On Aug 31, 2008, at 11:53 AM, Søren Jensen wrote:
Okay. I'll look forward to check out Time machine.
Best regards
Søren Jensen
Mail & MSN:
[EMAIL PROTECTED]
Website:
http://www.coolfortheblind.dk/
On 31/08/2008, at 13.45, Scott Howell wrote:
Time Machine will backup the entire disk if that is what you wish.

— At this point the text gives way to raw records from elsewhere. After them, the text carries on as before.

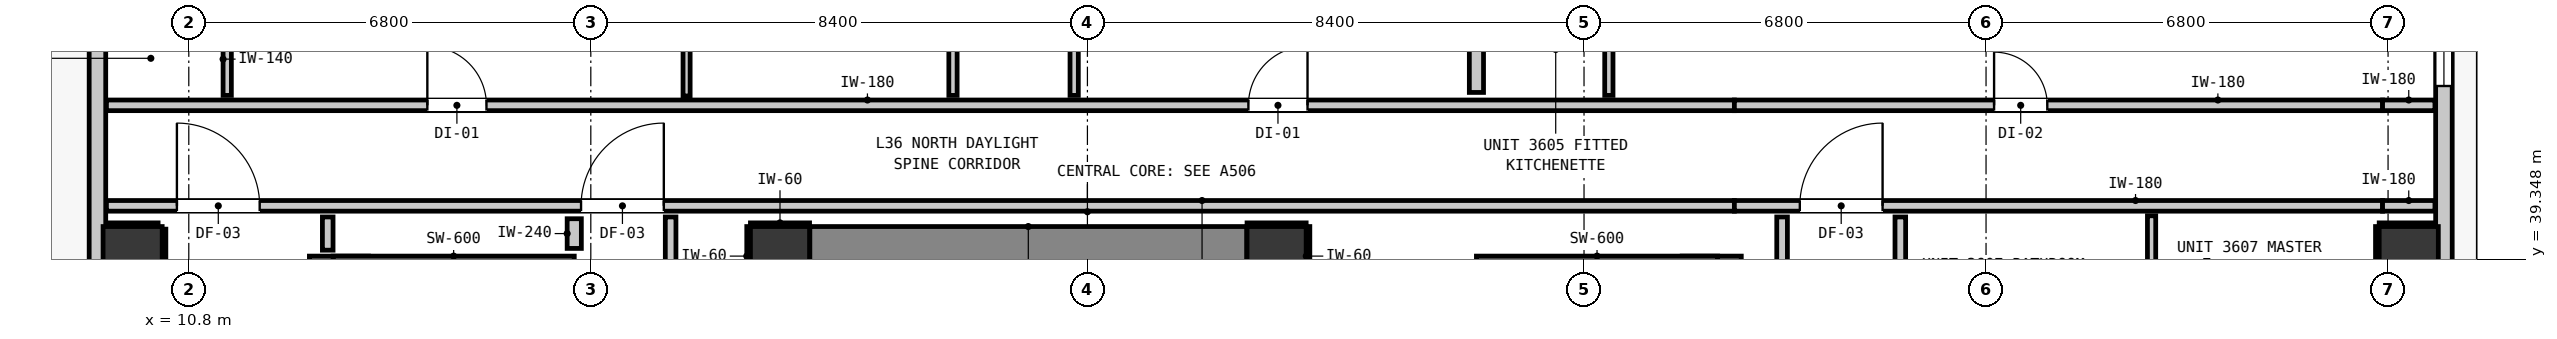
"""IFC4 building model, lengths in metres.
Left out: names, types, materials, properties, quantities, classifications, styles, units other than length and angle.
Written with IfcOpenShell. Run it as: python <this file> out.ifc"""

import sys

from ifc_helpers import new_model, si_unit, direction, frame, frame_2d, origin, origin_2d, place, context, subcontext, project, spatial, rectangle, extrude, element, fill, save


model = new_model("IFC4")
c1 = context("Model", 3, precision=1e-05, world=origin(), true_north=direction((0.0, 1.0)))
c2 = subcontext(c1, "Body", "Model", "MODEL_VIEW")
j1 = project(units=[si_unit("LENGTHUNIT", "METRE"), si_unit("PLANEANGLEUNIT", "RADIAN")], contexts=[c1])
p1 = place(None, origin())
s1 = spatial("IfcSite", under=j1, at=p1, CompositionType="ELEMENT")
p2 = place(p1, origin())
s2 = spatial("IfcBuilding", under=s1, at=p2, CompositionType="ELEMENT")
p3 = place(p2, frame((0.0, 0.0, 126.0)))
s3 = spatial("IfcBuildingStorey", under=s2, at=p3, CompositionType="ELEMENT", Elevation=126.0)
for number, where, z_axis, x_axis in (
    (1, (20.8, 39.4, 0.0), (0.0, 0.0, 1.0), (1.0, 0.0, 0.0)),
    (2, (29.2, 39.4, 0.0), (0.0, 0.0, 1.0), (1.0, 0.0, 0.0)),
):
    element("IfcColumn", number, at=place(p3, frame(where, z_axis=z_axis, x_axis=x_axis)), inside=s3, PredefinedType="COLUMN", context=c2, shape_type="SweptSolid", body=[
        extrude(rectangle(XDim=1.0, YDim=1.0, at=origin_2d()), origin(), (0.0, 0.0, 1.0), 3.32),
    ])
p4 = place(p3, frame((13.34, 31.205, 0.0), z_axis=(0.0, 0.0, 1.0), x_axis=(0.0, 1.0, 0.0)))
e3 = element("IfcWall", 3, at=p4, inside=s3, PredefinedType="SHEAR", context=c2, shape_type="SweptSolid", body=[
    extrude(rectangle(XDim=8.195, YDim=1.0, at=frame_2d((4.097, 0.0))), origin(), (0.0, 0.0, 1.0), 3.32),
])
p5 = place(p3, frame((13.24, 39.1, 0.0), z_axis=(0.0, 0.0, 1.0), x_axis=(1.0, 0.0, 0.0)))
e4 = element("IfcWall", 4, at=p5, inside=s3, PredefinedType="SHEAR", context=c2, shape_type="SweptSolid", body=[
    extrude(rectangle(XDim=4.08, YDim=0.6, at=frame_2d((2.04, 0.0))), origin(), (0.0, 0.0, 1.0), 3.32),
])
p6 = place(p3, frame((36.56, 31.205, 0.0), z_axis=(0.0, 0.0, 1.0), x_axis=(0.0, 1.0, 0.0)))
e5 = element("IfcWall", 5, at=p6, inside=s3, PredefinedType="SHEAR", context=c2, shape_type="SweptSolid", body=[
    extrude(rectangle(XDim=8.195, YDim=1.0, at=frame_2d((4.097, 0.0))), origin(), (0.0, 0.0, 1.0), 3.32),
])
p7 = place(p3, frame((32.58, 39.1, 0.0), z_axis=(0.0, 0.0, 1.0), x_axis=(1.0, 0.0, 0.0)))
e6 = element("IfcWall", 6, at=p7, inside=s3, PredefinedType="SHEAR", context=c2, shape_type="SweptSolid", body=[
    extrude(rectangle(XDim=4.08, YDim=0.6, at=frame_2d((2.04, 0.0))), origin(), (0.0, 0.0, 1.0), 3.32),
])
p8 = place(p3, frame((21.305, 39.4, 0.0), z_axis=(0.0, 0.0, 1.0), x_axis=(1.0, 0.0, 0.0)))
e7 = element("IfcWall", 7, at=p8, inside=s3, PredefinedType="SHEAR", context=c2, shape_type="SweptSolid", body=[
    extrude(rectangle(XDim=7.39, YDim=1.0, at=frame_2d((3.695, 0.0))), origin(), (0.0, 0.0, 1.0), 3.32),
])
for number, where, z_axis, x_axis in (
    (8, (9.85, 39.4, -0.2), (0.0, 0.0, 1.0), (1.0, 0.0, 0.0)),
    (9, (48.35, 39.4, -0.2), (0.0, 0.0, 1.0), (1.0, 0.0, 0.0)),
):
    element("IfcColumn", number, at=place(p3, frame(where, z_axis=z_axis, x_axis=x_axis)), inside=s3, PredefinedType="COLUMN", context=c2, shape_type="SweptSolid", body=[
        extrude(rectangle(XDim=1.0, YDim=1.0, at=origin_2d()), origin(), (0.0, 0.0, 1.0), 3.52),
    ])
p9 = place(p3, frame((9.255, 11.355, 0.0), z_axis=(0.0, 0.0, 1.0), x_axis=(0.0, 1.0, 0.0)))
e10 = element("IfcWall", 10, at=p9, inside=s3, PredefinedType="STANDARD", context=c2, shape_type="SweptSolid", body=[
    extrude(rectangle(XDim=32.29, YDim=0.28, at=frame_2d((16.145, 0.0))), origin(), (0.0, 0.0, 1.0), 3.08),
])
p10 = place(p9, frame((0.503, 0.0, 0.0)))
e11 = element("IfcOpeningElement", 11, at=p10, cuts=e10, PredefinedType="OPENING", context=c2, shape_type="SweptSolid", body=[
    extrude(rectangle(XDim=1.1, YDim=2.15, at=frame_2d((0.55, 1.075))), frame((0.0, 0.15, 0.0), z_axis=(0.0, -1.0, 0.0), x_axis=(1.0, 0.0, 0.0)), (0.0, 0.0, 1.0), 0.3),
])
p11 = place(p3, frame((48.945, 43.645, 0.0), z_axis=(0.0, 0.0, 1.0), x_axis=(0.0, -1.0, 0.0)))
e12 = element("IfcWall", 12, at=p11, inside=s3, PredefinedType="STANDARD", context=c2, shape_type="SweptSolid", body=[
    extrude(rectangle(XDim=32.29, YDim=0.28, at=frame_2d((16.145, 0.0))), origin(), (0.0, 0.0, 1.0), 3.08),
])
p12 = place(p11, frame((6.52, 0.0, 0.0)))
e13 = element("IfcOpeningElement", 13, at=p12, cuts=e12, PredefinedType="OPENING", context=c2, shape_type="SweptSolid", body=[
    extrude(rectangle(XDim=1.0, YDim=2.15, at=frame_2d((0.5, 1.075))), frame((0.0, 0.15, 0.0), z_axis=(0.0, -1.0, 0.0), x_axis=(1.0, 0.0, 0.0)), (0.0, 0.0, 1.0), 0.3),
])
p13 = place(p11, frame((0.318, 0.0, 0.85)))
e14 = element("IfcOpeningElement", 14, at=p13, cuts=e12, PredefinedType="OPENING", context=c2, shape_type="SweptSolid", body=[
    extrude(rectangle(XDim=1.05, YDim=1.65, at=frame_2d((0.525, 0.825))), frame((0.0, 0.15, 0.0), z_axis=(0.0, -1.0, 0.0), x_axis=(1.0, 0.0, 0.0)), (0.0, 0.0, 1.0), 0.3),
])
p14 = place(p11, frame((16.674, 0.0, 0.85)))
e15 = element("IfcOpeningElement", 15, at=p14, cuts=e12, PredefinedType="OPENING", context=c2, shape_type="SweptSolid", body=[
    extrude(rectangle(XDim=1.5, YDim=1.8, at=frame_2d((0.75, 0.9))), frame((0.0, 0.15, 0.0), z_axis=(0.0, -1.0, 0.0), x_axis=(1.0, 0.0, 0.0)), (0.0, 0.0, 1.0), 0.3),
])
p15 = place(p11, frame((13.773, 0.0, 0.85)))
e16 = element("IfcOpeningElement", 16, at=p15, cuts=e12, PredefinedType="OPENING", context=c2, shape_type="SweptSolid", body=[
    extrude(rectangle(XDim=1.05, YDim=1.65, at=frame_2d((0.525, 0.825))), frame((0.0, 0.15, 0.0), z_axis=(0.0, -1.0, 0.0), x_axis=(1.0, 0.0, 0.0)), (0.0, 0.0, 1.0), 0.3),
])
p16 = place(p11, frame((7.907, 0.0, 0.85)))
e17 = element("IfcOpeningElement", 17, at=p16, cuts=e12, PredefinedType="OPENING", context=c2, shape_type="SweptSolid", body=[
    extrude(rectangle(XDim=1.5, YDim=1.8, at=frame_2d((0.75, 0.9))), frame((0.0, 0.15, 0.0), z_axis=(0.0, -1.0, 0.0), x_axis=(1.0, 0.0, 0.0)), (0.0, 0.0, 1.0), 0.3),
])
p17 = place(p11, frame((5.043, 0.0, 0.85)))
e18 = element("IfcOpeningElement", 18, at=p17, cuts=e12, PredefinedType="OPENING", context=c2, shape_type="SweptSolid", body=[
    extrude(rectangle(XDim=0.58, YDim=1.5, at=frame_2d((0.29, 0.75))), frame((0.0, 0.15, 0.0), z_axis=(0.0, -1.0, 0.0), x_axis=(1.0, 0.0, 0.0)), (0.0, 0.0, 1.0), 0.3),
])
p18 = place(p3, frame((9.407, 40.25, 0.0), z_axis=(0.0, 0.0, 1.0), x_axis=(1.0, 0.0, 0.0)))
e19 = element("IfcWall", 19, at=p18, inside=s3, PredefinedType="PARTITIONING", context=c2, shape_type="SweptSolid", body=[
    extrude(rectangle(XDim=27.536, YDim=0.18, at=frame_2d((13.768, 0.0))), origin(), (0.0, 0.0, 1.0), 3.08),
])
p19 = place(p18, frame((8.028, 0.0, 0.0)))
e20 = element("IfcOpeningElement", 20, at=p19, cuts=e19, PredefinedType="OPENING", context=c2, shape_type="SweptSolid", body=[
    extrude(rectangle(XDim=1.4, YDim=2.15, at=frame_2d((0.7, 1.075))), frame((0.0, 0.1, 0.0), z_axis=(0.0, -1.0, 0.0), x_axis=(1.0, 0.0, 0.0)), (0.0, 0.0, 1.0), 0.2),
])
p20 = place(p18, frame((1.192, 0.0, 0.0)))
e21 = element("IfcOpeningElement", 21, at=p20, cuts=e19, PredefinedType="OPENING", context=c2, shape_type="SweptSolid", body=[
    extrude(rectangle(XDim=1.4, YDim=2.15, at=frame_2d((0.7, 1.075))), frame((0.0, 0.1, 0.0), z_axis=(0.0, -1.0, 0.0), x_axis=(1.0, 0.0, 0.0)), (0.0, 0.0, 1.0), 0.2),
])
p21 = place(p3, frame((36.943, 40.25, 0.0), z_axis=(0.0, 0.0, 1.0), x_axis=(1.0, 0.0, 0.0)))
e22 = element("IfcWall", 22, at=p21, inside=s3, PredefinedType="PARTITIONING", context=c2, shape_type="SweptSolid", body=[
    extrude(rectangle(XDim=10.964, YDim=0.18, at=frame_2d((5.482, 0.0))), origin(), (0.0, 0.0, 1.0), 2.565),
])
p22 = place(p21, frame((1.107, 0.0, 0.0)))
e23 = element("IfcOpeningElement", 23, at=p22, cuts=e22, PredefinedType="OPENING", context=c2, shape_type="SweptSolid", body=[
    extrude(rectangle(XDim=1.4, YDim=2.15, at=frame_2d((0.7, 1.075))), frame((0.0, 0.1, 0.0), z_axis=(0.0, -1.0, 0.0), x_axis=(1.0, 0.0, 0.0)), (0.0, 0.0, 1.0), 0.2),
])
p23 = place(p3, frame((47.907, 40.25, 0.0), z_axis=(0.0, 0.0, 1.0), x_axis=(1.0, 0.0, 0.0)))
e24 = element("IfcWall", 24, at=p23, inside=s3, PredefinedType="PARTITIONING", context=c2, shape_type="SweptSolid", body=[
    extrude(rectangle(XDim=0.886, YDim=0.18, at=frame_2d((0.443, 0.0))), origin(), (0.0, 0.0, 1.0), 3.08),
])
p24 = place(p3, frame((9.407, 41.95, 0.0), z_axis=(0.0, 0.0, 1.0), x_axis=(1.0, 0.0, 0.0)))
e25 = element("IfcWall", 25, at=p24, inside=s3, PredefinedType="PARTITIONING", context=c2, shape_type="SweptSolid", body=[
    extrude(rectangle(XDim=27.536, YDim=0.18, at=frame_2d((13.768, 0.0))), origin(), (0.0, 0.0, 1.0), 3.08),
])
p25 = place(p24, frame((5.428, 0.0, 0.0)))
e26 = element("IfcOpeningElement", 26, at=p25, cuts=e25, PredefinedType="OPENING", context=c2, shape_type="SweptSolid", body=[
    extrude(rectangle(XDim=1.0, YDim=2.15, at=frame_2d((0.5, 1.075))), frame((0.0, 0.1, 0.0), z_axis=(0.0, -1.0, 0.0), x_axis=(1.0, 0.0, 0.0)), (0.0, 0.0, 1.0), 0.2),
])
p26 = place(p24, frame((19.316, 0.0, 0.0)))
e27 = element("IfcOpeningElement", 27, at=p26, cuts=e25, PredefinedType="OPENING", context=c2, shape_type="SweptSolid", body=[
    extrude(rectangle(XDim=1.0, YDim=2.15, at=frame_2d((0.5, 1.075))), frame((0.0, 0.1, 0.0), z_axis=(0.0, -1.0, 0.0), x_axis=(1.0, 0.0, 0.0)), (0.0, 0.0, 1.0), 0.2),
])
p27 = place(p3, frame((36.943, 41.95, 0.0), z_axis=(0.0, 0.0, 1.0), x_axis=(1.0, 0.0, 0.0)))
e28 = element("IfcWall", 28, at=p27, inside=s3, PredefinedType="PARTITIONING", context=c2, shape_type="SweptSolid", body=[
    extrude(rectangle(XDim=10.964, YDim=0.18, at=frame_2d((5.482, 0.0))), origin(), (0.0, 0.0, 1.0), 2.565),
])
p28 = place(p27, frame((4.393, 0.0, 0.0)))
e29 = element("IfcOpeningElement", 29, at=p28, cuts=e28, PredefinedType="OPENING", context=c2, shape_type="SweptSolid", body=[
    extrude(rectangle(XDim=0.9, YDim=2.1, at=frame_2d((0.45, 1.05))), frame((0.0, 0.1, 0.0), z_axis=(0.0, -1.0, 0.0), x_axis=(1.0, 0.0, 0.0)), (0.0, 0.0, 1.0), 0.2),
])
p29 = place(p3, frame((47.907, 41.95, 0.0), z_axis=(0.0, 0.0, 1.0), x_axis=(1.0, 0.0, 0.0)))
e30 = element("IfcWall", 30, at=p29, inside=s3, PredefinedType="PARTITIONING", context=c2, shape_type="SweptSolid", body=[
    extrude(rectangle(XDim=0.886, YDim=0.18, at=frame_2d((0.443, 0.0))), origin(), (0.0, 0.0, 1.0), 3.08),
])
p30 = place(p3, frame((17.32, 39.53, 0.0), z_axis=(0.0, 0.0, 1.0), x_axis=(0.0, 1.0, 0.0)))
e31 = element("IfcWall", 31, at=p30, inside=s3, PredefinedType="PARTITIONING", context=c2, shape_type="SweptSolid", body=[
    extrude(rectangle(XDim=0.502, YDim=0.24, at=frame_2d((0.251, 0.0))), origin(), (0.0, 0.0, 1.0), 3.08),
])
p31 = place(p3, frame((32.58, 42.168, 0.0), z_axis=(0.0, 0.0, 1.0), x_axis=(0.0, 1.0, 0.0)))
e32 = element("IfcWall", 32, at=p31, inside=s3, PredefinedType="PARTITIONING", context=c2, shape_type="SweptSolid", body=[
    extrude(rectangle(XDim=3.625, YDim=0.24, at=frame_2d((1.812, 0.0))), origin(), (0.0, 0.0, 1.0), 3.08),
])
p32 = place(p31, frame((1.257, 0.0, 0.0)))
e33 = element("IfcOpeningElement", 33, at=p32, cuts=e32, PredefinedType="OPENING", context=c2, shape_type="SweptSolid", body=[
    extrude(rectangle(XDim=0.9, YDim=2.1, at=frame_2d((0.45, 1.05))), frame((0.0, 0.13, 0.0), z_axis=(0.0, -1.0, 0.0), x_axis=(1.0, 0.0, 0.0)), (0.0, 0.0, 1.0), 0.26),
])
p33 = place(p3, frame((13.15, 39.5, 0.0), z_axis=(0.0, 0.0, 1.0), x_axis=(0.0, 1.0, 0.0)))
e34 = element("IfcWall", 34, at=p33, inside=s3, PredefinedType="PARTITIONING", context=c2, shape_type="SweptSolid", body=[
    extrude(rectangle(XDim=0.562, YDim=0.18, at=frame_2d((0.281, 0.0))), origin(), (0.0, 0.0, 1.0), 2.315),
])
p34 = place(p3, frame((18.95, 39.058, 0.0), z_axis=(0.0, 0.0, 1.0), x_axis=(0.0, 1.0, 0.0)))
e35 = element("IfcWall", 35, at=p34, inside=s3, PredefinedType="PARTITIONING", context=c2, shape_type="SweptSolid", body=[
    extrude(rectangle(XDim=1.004, YDim=0.18, at=frame_2d((0.502, 0.0))), origin(), (0.0, 0.0, 1.0), 3.08),
])
p35 = place(p3, frame((37.75, 21.368, 0.0), z_axis=(0.0, 0.0, 1.0), x_axis=(0.0, 1.0, 0.0)))
e36 = element("IfcWall", 36, at=p35, inside=s3, PredefinedType="PARTITIONING", context=c2, shape_type="SweptSolid", body=[
    extrude(rectangle(XDim=18.694, YDim=0.18, at=frame_2d((9.347, 0.0))), origin(), (0.0, 0.0, 1.0), 3.08),
])
p36 = place(p3, frame((39.75, 37.793, 0.0), z_axis=(0.0, 0.0, 1.0), x_axis=(0.0, 1.0, 0.0)))
e37 = element("IfcWall", 37, at=p36, inside=s3, PredefinedType="PARTITIONING", context=c2, shape_type="SweptSolid", body=[
    extrude(rectangle(XDim=2.269, YDim=0.18, at=frame_2d((1.135, 0.0))), origin(), (0.0, 0.0, 1.0), 3.08),
])
p37 = place(p3, frame((11.45, 42.118, 0.0), z_axis=(0.0, 0.0, 1.0), x_axis=(0.0, 1.0, 0.0)))
e38 = element("IfcWall", 38, at=p37, inside=s3, PredefinedType="PARTITIONING", context=c2, shape_type="SweptSolid", body=[
    extrude(rectangle(XDim=2.808, YDim=0.14, at=frame_2d((1.404, 0.0))), origin(), (0.0, 0.0, 1.0), 2.565),
])
p38 = place(p37, frame((1.327, 0.0, 0.0)))
e39 = element("IfcOpeningElement", 39, at=p38, cuts=e38, PredefinedType="OPENING", context=c2, shape_type="SweptSolid", body=[
    extrude(rectangle(XDim=0.86, YDim=2.02, at=frame_2d((0.43, 1.01))), frame((0.0, 0.08, 0.0), z_axis=(0.0, -1.0, 0.0), x_axis=(1.0, 0.0, 0.0)), (0.0, 0.0, 1.0), 0.16),
])
p39 = place(p3, frame((23.726, 42.118, 0.0), z_axis=(0.0, 0.0, 1.0), x_axis=(0.0, 1.0, 0.0)))
e40 = element("IfcWall", 40, at=p39, inside=s3, PredefinedType="PARTITIONING", context=c2, shape_type="SweptSolid", body=[
    extrude(rectangle(XDim=3.675, YDim=0.14, at=frame_2d((1.837, 0.0))), origin(), (0.0, 0.0, 1.0), 3.08),
])
p40 = place(p3, frame((25.776, 42.118, 0.0), z_axis=(0.0, 0.0, 1.0), x_axis=(0.0, 1.0, 0.0)))
e41 = element("IfcWall", 41, at=p40, inside=s3, PredefinedType="PARTITIONING", context=c2, shape_type="SweptSolid", body=[
    extrude(rectangle(XDim=3.675, YDim=0.14, at=frame_2d((1.837, 0.0))), origin(), (0.0, 0.0, 1.0), 3.08),
])
p41 = place(p40, frame((1.327, 0.0, 0.0)))
e42 = element("IfcOpeningElement", 42, at=p41, cuts=e41, PredefinedType="OPENING", context=c2, shape_type="SweptSolid", body=[
    extrude(rectangle(XDim=0.86, YDim=2.02, at=frame_2d((0.43, 1.01))), frame((0.0, 0.08, 0.0), z_axis=(0.0, -1.0, 0.0), x_axis=(1.0, 0.0, 0.0)), (0.0, 0.0, 1.0), 0.16),
])
p42 = place(p3, frame((34.82, 42.118, 0.0), z_axis=(0.0, 0.0, 1.0), x_axis=(0.0, 1.0, 0.0)))
e43 = element("IfcWall", 43, at=p42, inside=s3, PredefinedType="PARTITIONING", context=c2, shape_type="SweptSolid", body=[
    extrude(rectangle(XDim=3.675, YDim=0.14, at=frame_2d((1.837, 0.0))), origin(), (0.0, 0.0, 1.0), 3.08),
])
p43 = place(p3, frame((44.0, 37.773, 0.0), z_axis=(0.0, 0.0, 1.0), x_axis=(0.0, 1.0, 0.0)))
e44 = element("IfcWall", 44, at=p43, inside=s3, PredefinedType="PARTITIONING", context=c2, shape_type="SweptSolid", body=[
    extrude(rectangle(XDim=2.309, YDim=0.14, at=frame_2d((1.155, 0.0))), origin(), (0.0, 0.0, 1.0), 3.08),
])
p44 = place(p3, frame((19.22, 42.108, 0.0), z_axis=(0.0, 0.0, 1.0), x_axis=(0.0, 1.0, 0.0)))
e45 = element("IfcWall", 45, at=p44, inside=s3, PredefinedType="PARTITIONING", context=c2, shape_type="SweptSolid", body=[
    extrude(rectangle(XDim=3.685, YDim=0.12, at=frame_2d((1.843, 0.0))), origin(), (0.0, 0.0, 1.0), 3.08),
])
p45 = place(p44, frame((1.317, 0.0, 0.0)))
e46 = element("IfcOpeningElement", 46, at=p45, cuts=e45, PredefinedType="OPENING", context=c2, shape_type="SweptSolid", body=[
    extrude(rectangle(XDim=0.9, YDim=2.1, at=frame_2d((0.45, 1.05))), frame((0.0, 0.07, 0.0), z_axis=(0.0, -1.0, 0.0), x_axis=(1.0, 0.0, 0.0)), (0.0, 0.0, 1.0), 0.14),
])
for number, where, z_axis, x_axis in (
    (47, (20.3, 39.932, 0.0), (0.0, 0.0, 1.0), (1.0, 0.0, 0.0)),
    (48, (20.268, 38.9, 0.0), (0.0, 0.0, 1.0), (0.0, 1.0, 0.0)),
    (49, (28.7, 39.932, 0.0), (0.0, 0.0, 1.0), (1.0, 0.0, 0.0)),
    (50, (29.732, 38.9, 0.0), (0.0, 0.0, 1.0), (0.0, 1.0, 0.0)),
):
    element("IfcWall", number, at=place(p3, frame(where, z_axis=z_axis, x_axis=x_axis)), inside=s3, PredefinedType="PARTITIONING", context=c2, shape_type="SweptSolid", body=[
        extrude(rectangle(XDim=1.0, YDim=0.06, at=frame_2d((0.5, 0.0))), origin(), (0.0, 0.0, 1.0), 1.45),
    ])
p46 = place(p3, frame((9.41, 39.932, 0.0), z_axis=(0.0, 0.0, 1.0), x_axis=(1.0, 0.0, 0.0)))
e51 = element("IfcWall", 51, at=p46, inside=s3, PredefinedType="PARTITIONING", context=c2, shape_type="SweptSolid", body=[
    extrude(rectangle(XDim=0.871, YDim=0.06, at=frame_2d((0.436, 0.0))), origin(), (0.0, 0.0, 1.0), 1.45),
])
p47 = place(p3, frame((10.382, 38.9, 0.0), z_axis=(0.0, 0.0, 1.0), x_axis=(0.0, 1.0, 0.0)))
e52 = element("IfcWall", 52, at=p47, inside=s3, PredefinedType="PARTITIONING", context=c2, shape_type="SweptSolid", body=[
    extrude(rectangle(XDim=0.956, YDim=0.06, at=frame_2d((0.478, 0.0))), origin(), (0.0, 0.0, 1.0), 1.45),
])
p48 = place(p3, frame((47.85, 39.932, 0.0), z_axis=(0.0, 0.0, 1.0), x_axis=(1.0, 0.0, 0.0)))
e53 = element("IfcWall", 53, at=p48, inside=s3, PredefinedType="PARTITIONING", context=c2, shape_type="SweptSolid", body=[
    extrude(rectangle(XDim=0.94, YDim=0.06, at=frame_2d((0.47, 0.0))), origin(), (0.0, 0.0, 1.0), 1.45),
])
p49 = place(p3, frame((47.818, 38.9, 0.0), z_axis=(0.0, 0.0, 1.0), x_axis=(0.0, 1.0, 0.0)))
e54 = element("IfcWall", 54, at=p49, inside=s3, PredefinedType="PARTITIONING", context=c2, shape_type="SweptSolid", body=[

This would of course include all your settings etc. You can of
course opt to only backup those files and folders you feel are
necessary. For example, you may not want to backup all the
applications, but you do want their configuration files etc. Most
apps store these in your user Library folder or the system Library
folder. SO you could exclude the applications folder if you wanted.
hth
On Aug 31, 2008, at 5:27 AM, Søren Jensen wrote:
Cool. Thanks for your answers. I assume Time machine backup all
the settings?
Best regards
Søren Jensen
Mail & MSN:
[EMAIL PROTECTED]
Website:
http://www.coolfortheblind.dk/
On 29/08/2008, at 20.32, Darcy Burnard wrote:
Hi. You can use your Leopard install dvd to restore a time
machine backup. However, that backup is not bootable itself.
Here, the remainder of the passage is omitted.